Cooler Master V Series 750W

I've googled for some reviews and it seems the Cooler master one is a higher quality unit (by a little).
I am fine with 500w. The reason I linked 750w is because the price difference was 5 bucks between 550w and 750w.

If you know any other, kindly let me know.


----------



## Caring1 (Oct 12, 2016)

https://www.techpowerup.com/reviews/FSP/HG750/3.html
and
https://www.techpowerup.com/reviews/EVGA/SuperNOVA_GS_650/3.html where only the 24 pin is round, the rest are flat.


----------



## Kursah (Oct 12, 2016)

+1 to the EVGA SuperNOVA 650...excellent PSU to use and do cable management with. I've used quite a few of them and folks love them in builds, plus they're great PSU's.


----------



## alucasa (Oct 12, 2016)

Caring1 said:


> https://www.techpowerup.com/reviews/FSP/HG750/3.html
> and
> https://www.techpowerup.com/reviews/EVGA/SuperNOVA_GS_650/3.html where only the 24 pin is round, the rest are flat.

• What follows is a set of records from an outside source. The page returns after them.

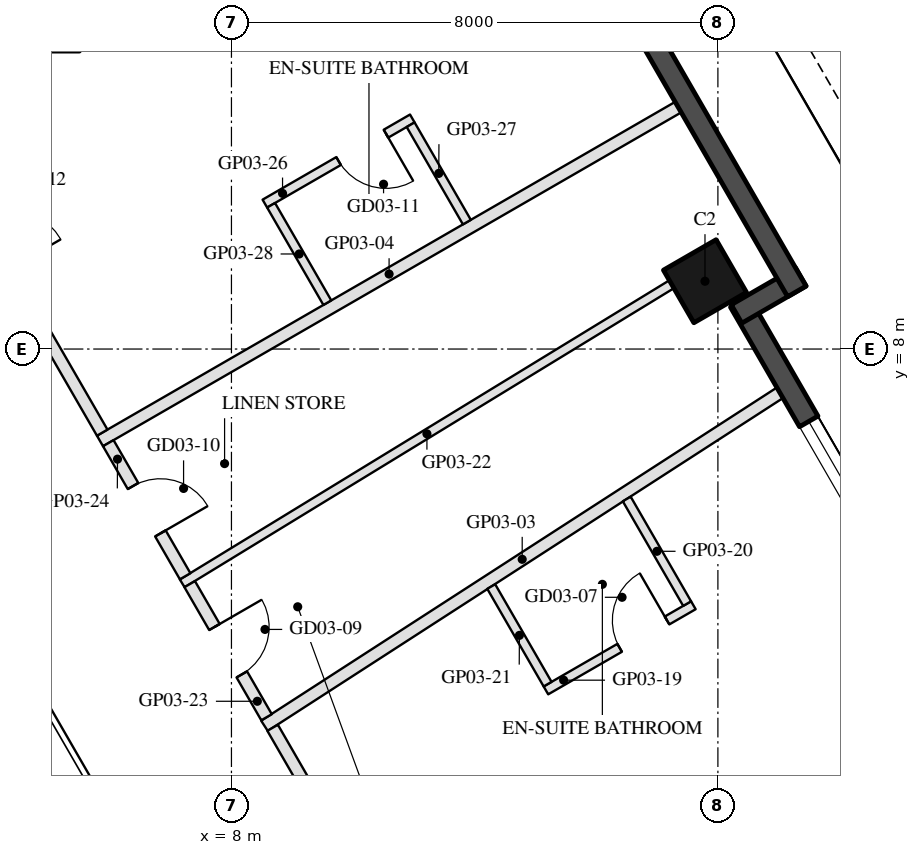
"""IFC4 building model, lengths in metres.
Left out: names, types, materials, properties, quantities, classifications, styles, units other than length and angle.
Written with IfcOpenShell. Run it as: python <this file> out.ifc"""

import sys

from ifc_helpers import new_model, si_unit, direction, frame, frame_2d, origin, origin_2d, place, context, subcontext, project, spatial, rectangle, hollow_rectangle, extrude, element, fill, save


model = new_model("IFC4")
c1 = context("Model", 3, precision=1e-05, world=origin(), true_north=direction((0.0, 1.0)))
c2 = subcontext(c1, "Body", "Model", "MODEL_VIEW")
j1 = project(units=[si_unit("LENGTHUNIT", "METRE"), si_unit("PLANEANGLEUNIT", "RADIAN")], contexts=[c1])
p1 = place(None, origin())
s1 = spatial("IfcSite", under=j1, at=p1, CompositionType="ELEMENT")
p2 = place(p1, origin())
s2 = spatial("IfcBuilding", under=s1, at=p2, CompositionType="ELEMENT")
p3 = place(p2, frame((0.0, 0.0, 68.7)))
s3 = spatial("IfcBuildingStorey", under=s2, at=p3, CompositionType="ELEMENT", Elevation=68.7)
p4 = place(p3, frame((15.788, 9.115, 0.0), z_axis=(0.0, 0.0, 1.0), x_axis=(-0.5, 0.866025403784, 0.0)))
e1 = element("IfcColumn", 1, at=p4, inside=s3, PredefinedType="COLUMN", context=c2, shape_type="SweptSolid", body=[
    extrude(hollow_rectangle(XDim=1.0, YDim=1.0, WallThickness=0.045, at=origin_2d()), origin(), (0.0, 0.0, 1.0), 3.7),
])
p5 = place(p3, frame((19.729, 2.938, 0.0), z_axis=(0.0, 0.0, 1.0), x_axis=(-0.499976430342, 0.866039011305, 0.0)))
e2 = element("IfcWall", 2, at=p5, inside=s3, PredefinedType="SOLIDWALL", context=c2, shape_type="SweptSolid", body=[
    extrude(rectangle(XDim=6.74, YDim=0.35, at=frame_2d((3.37, 0.0))), origin(), (0.0, 0.0, 1.0), 3.55),
])
p6 = place(p5, frame((0.77, 0.0, 0.3)))
e3 = element("IfcOpeningElement", 3, at=p6, cuts=e2, PredefinedType="OPENING", context=c2, shape_type="SweptSolid", body=[
    extrude(rectangle(XDim=1.7, YDim=2.65, at=frame_2d((0.85, 1.325))), frame((0.0, 0.185, 0.0), z_axis=(0.0, -1.0, 0.0), x_axis=(1.0, 0.0, 0.0)), (0.0, 0.0, 1.0), 0.37),
])
p7 = place(p5, frame((2.77, 0.0, 0.3)))
e4 = element("IfcOpeningElement", 4, at=p7, cuts=e2, PredefinedType="OPENING", context=c2, shape_type="SweptSolid", body=[
    extrude(rectangle(XDim=1.7, YDim=2.65, at=frame_2d((0.85, 1.325))), frame((0.0, 0.185, 0.0), z_axis=(0.0, -1.0, 0.0), x_axis=(1.0, 0.0, 0.0)), (0.0, 0.0, 1.0), 0.37),
])
p8 = place(p3, frame((16.306, 8.577, 0.0), z_axis=(0.0, 0.0, 1.0), x_axis=(0.866092288191, 0.499884134912, 0.0)))
e5 = element("IfcWall", 5, at=p8, inside=s3, PredefinedType="SOLIDWALL", context=c2, shape_type="SweptSolid", body=[
    extrude(rectangle(XDim=1.22, YDim=0.35, at=frame_2d((0.61, 0.0))), origin(), (0.0, 0.0, 1.0), 3.55),
])
p9 = place(p3, frame((17.299, 8.948, 0.0), z_axis=(0.0, 0.0, 1.0), x_axis=(-0.500010041276, 0.866019606374, 0.0)))
e6 = element("IfcWall", 6, at=p9, inside=s3, PredefinedType="SOLIDWALL", context=c2, shape_type="SweptSolid", body=[
    extrude(rectangle(XDim=9.7, YDim=0.35, at=frame_2d((4.85, 0.0))), origin(), (0.0, 0.0, 1.0), 3.55),
])
p10 = place(p9, frame((4.949, 0.0, 0.3)))
e7 = element("IfcOpeningElement", 7, at=p10, cuts=e6, PredefinedType="OPENING", context=c2, shape_type="SweptSolid", body=[
    extrude(rectangle(XDim=3.0, YDim=2.65, at=frame_2d((1.5, 1.325))), frame((0.0, 0.185, 0.0), z_axis=(0.0, -1.0, 0.0), x_axis=(1.0, 0.0, 0.0)), (0.0, 0.0, 1.0), 0.37),
])
p11 = place(p3, frame((17.02, 7.28, 0.0), z_axis=(0.0, 0.0, 1.0), x_axis=(-0.839924980805, -0.542702521294, 0.0)))
e8 = element("IfcWall", 8, at=p11, inside=s3, PredefinedType="PARTITIONING", context=c2, shape_type="SweptSolid", body=[
    extrude(rectangle(XDim=10.093, YDim=0.2, at=frame_2d((5.046, 0.0))), origin(), (0.0, 0.0, 1.0), 2.96),
])
p12 = place(p3, frame((15.347, 11.978, 0.0), z_axis=(0.0, 0.0, 1.0), x_axis=(-0.866027479907, -0.499996404033, 0.0)))
e9 = element("IfcWall", 9, at=p12, inside=s3, PredefinedType="PARTITIONING", context=c2, shape_type="SweptSolid", body=[
    extrude(rectangle(XDim=10.98, YDim=0.2, at=frame_2d((5.49, 0.0))), origin(), (0.0, 0.0, 1.0), 2.96),
])
p13 = place(p3, frame((8.677, 1.771, 0.0), z_axis=(0.0, 0.0, 1.0), x_axis=(0.50000293509, -0.866023709203, 0.0)))
e10 = element("IfcWall", 10, at=p13, inside=s3, PredefinedType="PARTITIONING", context=c2, shape_type="SweptSolid", body=[
    extrude(rectangle(XDim=7.183, YDim=0.2, at=frame_2d((3.592, 0.0))), origin(), (0.0, 0.0, 1.0), 2.95),
])
p14 = place(p13, frame((3.092, 0.0, 0.0)))
e11 = element("IfcOpeningElement", 11, at=p14, cuts=e10, PredefinedType="OPENING", context=c2, shape_type="SweptSolid", body=[
    extrude(rectangle(XDim=1.0, YDim=2.1, at=frame_2d((0.5, 1.05))), frame((0.0, 0.11, 0.0), z_axis=(0.0, -1.0, 0.0), x_axis=(1.0, 0.0, 0.0)), (0.0, 0.0, 1.0), 0.22),
])
p15 = place(p3, frame((13.172, 2.386, 0.0), z_axis=(0.0, 0.0, 1.0), x_axis=(0.865996816683, 0.500049511043, 0.0)))
e12 = element("IfcWall", 12, at=p15, inside=s3, PredefinedType="PARTITIONING", context=c2, shape_type="SweptSolid", body=[
    extrude(rectangle(XDim=2.8, YDim=0.15, at=frame_2d((1.4, 0.0))), origin(), (0.0, 0.0, 1.0), 3.55),
])
p16 = place(p15, frame((1.4, 0.0, 0.0)))
e13 = element("IfcOpeningElement", 13, at=p16, cuts=e12, PredefinedType="OPENING", context=c2, shape_type="SweptSolid", body=[
    extrude(rectangle(XDim=0.9, YDim=2.1, at=frame_2d((0.45, 1.05))), frame((0.0, 0.085, 0.0), z_axis=(0.0, -1.0, 0.0), x_axis=(1.0, 0.0, 0.0)), (0.0, 0.0, 1.0), 0.17),
])
p17 = place(p3, frame((15.494, 3.813, 0.0), z_axis=(0.0, 0.0, 1.0), x_axis=(-0.499945861543, 0.866056658381, 0.0)))
e14 = element("IfcWall", 14, at=p17, inside=s3, PredefinedType="PARTITIONING", context=c2, shape_type="SweptSolid", body=[
    extrude(rectangle(XDim=1.987, YDim=0.15, at=frame_2d((0.993, 0.0))), origin(), (0.0, 0.0, 1.0), 2.95),
])
p18 = place(p3, frame((13.199, 2.488, 0.0), z_axis=(0.0, 0.0, 1.0), x_axis=(-0.499992292652, 0.866029853578, 0.0)))
e15 = element("IfcWall", 15, at=p18, inside=s3, PredefinedType="PARTITIONING", context=c2, shape_type="SweptSolid", body=[
    extrude(rectangle(XDim=1.854, YDim=0.15, at=frame_2d((0.927, 0.0))), origin(), (0.0, 0.0, 1.0), 2.95),
])
p19 = place(p3, frame((15.239, 9.065, 0.0), z_axis=(0.0, 0.0, 1.0), x_axis=(-0.853241525467, -0.521515962573, 0.0)))
e16 = element("IfcWall", 16, at=p19, inside=s3, PredefinedType="PARTITIONING", context=c2, shape_type="SweptSolid", body=[
    extrude(rectangle(XDim=9.433, YDim=0.15, at=frame_2d((4.716, 0.0))), origin(), (0.0, 0.0, 1.0), 2.95),
])
p20 = place(p3, frame((7.313, 4.133, 0.0), z_axis=(0.0, 0.0, 1.0), x_axis=(0.500003972934, -0.866023109998, 0.0)))
e17 = element("IfcWall", 17, at=p20, inside=s3, PredefinedType="PARTITIONING", context=c2, shape_type="SweptSolid", body=[
    extrude(rectangle(XDim=2.527, YDim=0.2, at=frame_2d((1.264, 0.0))), origin(), (0.0, 0.0, 1.0), 2.95),
])
p21 = place(p20, frame((0.814, 0.0, 0.0)))
e18 = element("IfcOpeningElement", 18, at=p21, cuts=e17, PredefinedType="OPENING", context=c2, shape_type="SweptSolid", body=[
    extrude(rectangle(XDim=0.9, YDim=2.1, at=frame_2d((0.45, 1.05))), frame((0.0, 0.11, 0.0), z_axis=(0.0, -1.0, 0.0), x_axis=(1.0, 0.0, 0.0)), (0.0, 0.0, 1.0), 0.22),
])
p22 = place(p3, frame((5.975, 6.452, 0.0), z_axis=(0.0, 0.0, 1.0), x_axis=(0.499962146402, -0.866047257466, 0.0)))
e19 = element("IfcWall", 19, at=p22, inside=s3, PredefinedType="PARTITIONING", context=c2, shape_type="SweptSolid", body=[
    extrude(rectangle(XDim=2.528, YDim=0.2, at=frame_2d((1.264, 0.0))), origin(), (0.0, 0.0, 1.0), 2.95),
])
p23 = place(p22, frame((0.814, 0.0, 0.0)))
e20 = element("IfcOpeningElement", 20, at=p23, cuts=e19, PredefinedType="OPENING", context=c2, shape_type="SweptSolid", body=[
    extrude(rectangle(XDim=0.9, YDim=2.1, at=frame_2d((0.45, 1.05))), frame((0.0, 0.11, 0.0), z_axis=(0.0, -1.0, 0.0), x_axis=(1.0, 0.0, 0.0)), (0.0, 0.0, 1.0), 0.22),
])
p24 = place(p3, frame((2.281, 12.85, 0.0), z_axis=(0.0, 0.0, 1.0), x_axis=(0.499992939664, -0.866029480033, 0.0)))
e21 = element("IfcWall", 21, at=p24, inside=s3, PredefinedType="PARTITIONING", context=c2, shape_type="SweptSolid", body=[
    extrude(rectangle(XDim=7.188, YDim=0.2, at=frame_2d((3.594, 0.0))), origin(), (0.0, 0.0, 1.0), 2.95),
])
p25 = place(p24, frame((3.094, 0.0, 0.0)))
e22 = element("IfcOpeningElement", 22, at=p25, cuts=e21, PredefinedType="OPENING", context=c2, shape_type="SweptSolid", body=[
    extrude(rectangle(XDim=1.0, YDim=2.1, at=frame_2d((0.5, 1.05))), frame((0.0, 0.11, 0.0), z_axis=(0.0, -1.0, 0.0), x_axis=(1.0, 0.0, 0.0)), (0.0, 0.0, 1.0), 0.22),
])
p26 = place(p3, frame((10.974, 11.792, 0.0), z_axis=(0.0, 0.0, 1.0), x_axis=(-0.866056369097, -0.49994636267, 0.0)))
e23 = element("IfcWall", 23, at=p26, inside=s3, PredefinedType="PARTITIONING", context=c2, shape_type="SweptSolid", body=[
    extrude(rectangle(XDim=2.8, YDim=0.15, at=frame_2d((1.4, 0.0))), origin(), (0.0, 0.0, 1.0), 3.55),
])
p27 = place(p26, frame((0.5, 0.0, 0.0)))
e24 = element("IfcOpeningElement", 24, at=p27, cuts=e23, PredefinedType="OPENING", context=c2, shape_type="SweptSolid", body=[
    extrude(rectangle(XDim=0.9, YDim=2.1, at=frame_2d((0.45, 1.05))), frame((0.0, 0.085, 0.0), z_axis=(0.0, -1.0, 0.0), x_axis=(1.0, 0.0, 0.0)), (0.0, 0.0, 1.0), 0.17),
])
for number, where, z_axis, x_axis in (
    (25, (11.872, 10.087, 0.0), (0.0, 0.0, 1.0), (-0.5, 0.866, 0.0)),
    (26, (9.577, 8.762, 0.0), (0.0, 0.0, 1.0), (-0.5, 0.866, 0.0)),
):
    element("IfcWall", number, at=place(p3, frame(where, z_axis=z_axis, x_axis=x_axis)), inside=s3, PredefinedType="PARTITIONING", context=c2, shape_type="SweptSolid", body=[
        extrude(rectangle(XDim=1.85, YDim=0.15, at=frame_2d((0.925, 0.0))), origin(), (0.0, 0.0, 1.0), 2.95),
    ])
p28 = place(p7, origin())
e27 = element("IfcWindow", 27, at=p28, inside=s3, PartitioningType="SINGLE_PANEL", PredefinedType="WINDOW", context=c2, shape_type="SweptSolid", body=[
    extrude(rectangle(XDim=1.7, YDim=2.65, at=frame_2d((0.85, 1.325))), frame((0.0, 0.03, 0.0), z_axis=(0.0, -1.0, 0.0), x_axis=(1.0, 0.0, 0.0)), (0.0, 0.0, 1.0), 0.06),
])
fill(e4, e27)
p29 = place(p16, origin())
e28 = element("IfcDoor", 28, at=p29, inside=s3, OperationType="SINGLE_SWING_RIGHT", PredefinedType="DOOR", context=c2, shape_type="SweptSolid", body=[
    extrude(rectangle(XDim=0.9, YDim=2.1, at=frame_2d((0.45, 1.05))), frame((0.0, 0.025, 0.0), z_axis=(0.0, -1.0, 0.0), x_axis=(1.0, 0.0, 0.0)), (0.0, 0.0, 1.0), 0.05),
])
fill(e13, e28)
p30 = place(p21, origin())
e29 = element("IfcDoor", 29, at=p30, inside=s3, OperationType="SINGLE_SWING_LEFT", PredefinedType="DOOR", context=c2, shape_type="SweptSolid", body=[
    extrude(rectangle(XDim=0.9, YDim=2.1, at=frame_2d((0.45, 1.05))), frame((0.0, 0.025, 0.0), z_axis=(0.0, -1.0, 0.0), x_axis=(1.0, 0.0, 0.0)), (0.0, 0.0, 1.0), 0.05),
])
fill(e18, e29)
p31 = place(p23, origin())
e30 = element("IfcDoor", 30, at=p31, inside=s3, OperationType="SINGLE_SWING_RIGHT", PredefinedType="DOOR", context=c2, shape_type="SweptSolid", body=[
    extrude(rectangle(XDim=0.9, YDim=2.1, at=frame_2d((0.45, 1.05))), frame((0.0, 0.025, 0.0), z_axis=(0.0, -1.0, 0.0), x_axis=(1.0, 0.0, 0.0)), (0.0, 0.0, 1.0), 0.05),
])
fill(e20, e30)
p32 = place(p27, origin())
e31 = element("IfcDoor", 31, at=p32, inside=s3, OperationType="SINGLE_SWING_LEFT", PredefinedType="DOOR", context=c2, shape_type="SweptSolid", body=[
    extrude(rectangle(XDim=0.9, YDim=2.1, at=frame_2d((0.45, 1.05))), frame((0.0, 0.025, 0.0), z_axis=(0.0, -1.0, 0.0), x_axis=(1.0, 0.0, 0.0)), (0.0, 0.0, 1.0), 0.05),
])
fill(e24, e31)
save(model, sys.argv[1])

Sweet, thanks for mentioning the FSP. 650w version is 30 bucks cheaper and fully flat. I never liked Thermaltake PSU, so this is a good alternative.

All cables must be flat. 24pin is the most important one.


----------



## Kanan (Oct 13, 2016)

+ EVGA 650 GQ (I use it myself). FSP high quality, 80+ GOLD rated, semi-passive mode up to 40% usage. It's available in 550/650/750 Watts. Have it a few months now, works great. Cables are really good and black colored. Could be just what you want.


----------



## alucasa (Oct 13, 2016)

Just a conclusion to this.

I ordered the FSP one but it's coming from CA, USA, so the transit time will take a whole week.

Fack.


----------



## Kanan (Oct 13, 2016)

alucasa said:


> Just a conclusion to this.
> 
> I ordered the FSP one but it's coming from CA, USA, so the transit time will take a whole week.
> 
> Fack.


LOL actually I think that's not much different to the psu I mentioned and own. Evga has same range 750w fsp psus marketed as GQ line.


----------



## alucasa (Oct 13, 2016)

Like I said in the first post, I need flat cables. All flat cables. The EVGA one has round cable (24pin).


----------



## Kanan (Oct 13, 2016)

alucasa said:


> Like I said in the first post, I need flat cables. All flat cables. The EVGA one has round cable (24pin).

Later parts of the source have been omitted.